A camp, or tented settlement which is the term used in Lebanon, on the outskirts of Bar Elias in the Bekaa Valley

What is remarkable in this field of work is the absolute non-existence of any proof of labour agreements. The camp shawish says that all agreements are oral, that there is nothing written. The same goes for Issam.

“The basis of work deals is morality and trust, we don’t need papers and this is how work has been going on for a while now in the fields,” he says.

“The basis of work deals is morality and trust, we don’t need papers and this is how work has been going on for a while now in the fields.”

The wakeel or procurator is the main supervisor of all work in the fields, making sure that each cucumber ends up in the box. He also checks that no employee makes a mistake – or else, “she’ll have to go back and start again, making sure that she doesn’t overlook a single vegetable”.

“We don’t rest. We stop for a five minutes break and then head directly back to work. The first time we take a break during the day is at around 10 in the morning. We drink water quickly and don’t stop working unless the wakeel allows us to,” Aman, who recently moved to live in a camp along with her sister, says.

“There’s no other solution”

Many women speak about abuse and different forms of mistreatment in the fields.

“The landowners always scream at us and talk to us in a rude way. If something happens, like beatings or other types of physical abuse, we head back home, complain to our fathers or brothers who deal with the shawish, who in turn deals with the owner or procurator. Sometimes we go to the shawish directly, he always tells them to not shout or resort to violence when dealing with us,” Sanaa’ says.

These kinds of incidences should be seen in the context of a shift that has taken place in the field of agriculture in Lebanon in recent years. It is now considered mainly “a woman’s job”, and many men refrain from doing this kind of labour.
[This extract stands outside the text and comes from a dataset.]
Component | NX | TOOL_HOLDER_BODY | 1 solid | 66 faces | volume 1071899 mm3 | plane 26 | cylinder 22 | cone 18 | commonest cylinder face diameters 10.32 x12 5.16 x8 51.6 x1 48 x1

The abuse happens for different reasons, the women say, such as the landowner or procurator not being happy with the way the crops are cleaned and sorted.

“If we leave, no one will care. Our work options are very limited.”

“In such cases we feel insulted, as if we don’t have dignity. But we are obliged to remain silent and hang on because we need to work. We want to live and there’s no other solution. If we leave, no one will care. Our work options are very limited. If we had other options, we wouldn’t be here in the valley today,” Aman says.

The shawish, on his part, says that problems in general get solved quickly with understanding and discussion.

“I always make sure that things don’t get violent, this never happens,” he says.

But some of the women don’t agree and say that there are cases when the landowners and others hit the girls.

At the end of the day near sunset, the women arrange all boxes with crops in neat ways in the fields, ready to be picked up by the wholesaler and taken to the market. They then wait for the shawish to drive them back in the pick-up, and leave the fields and just-harvested plants behind.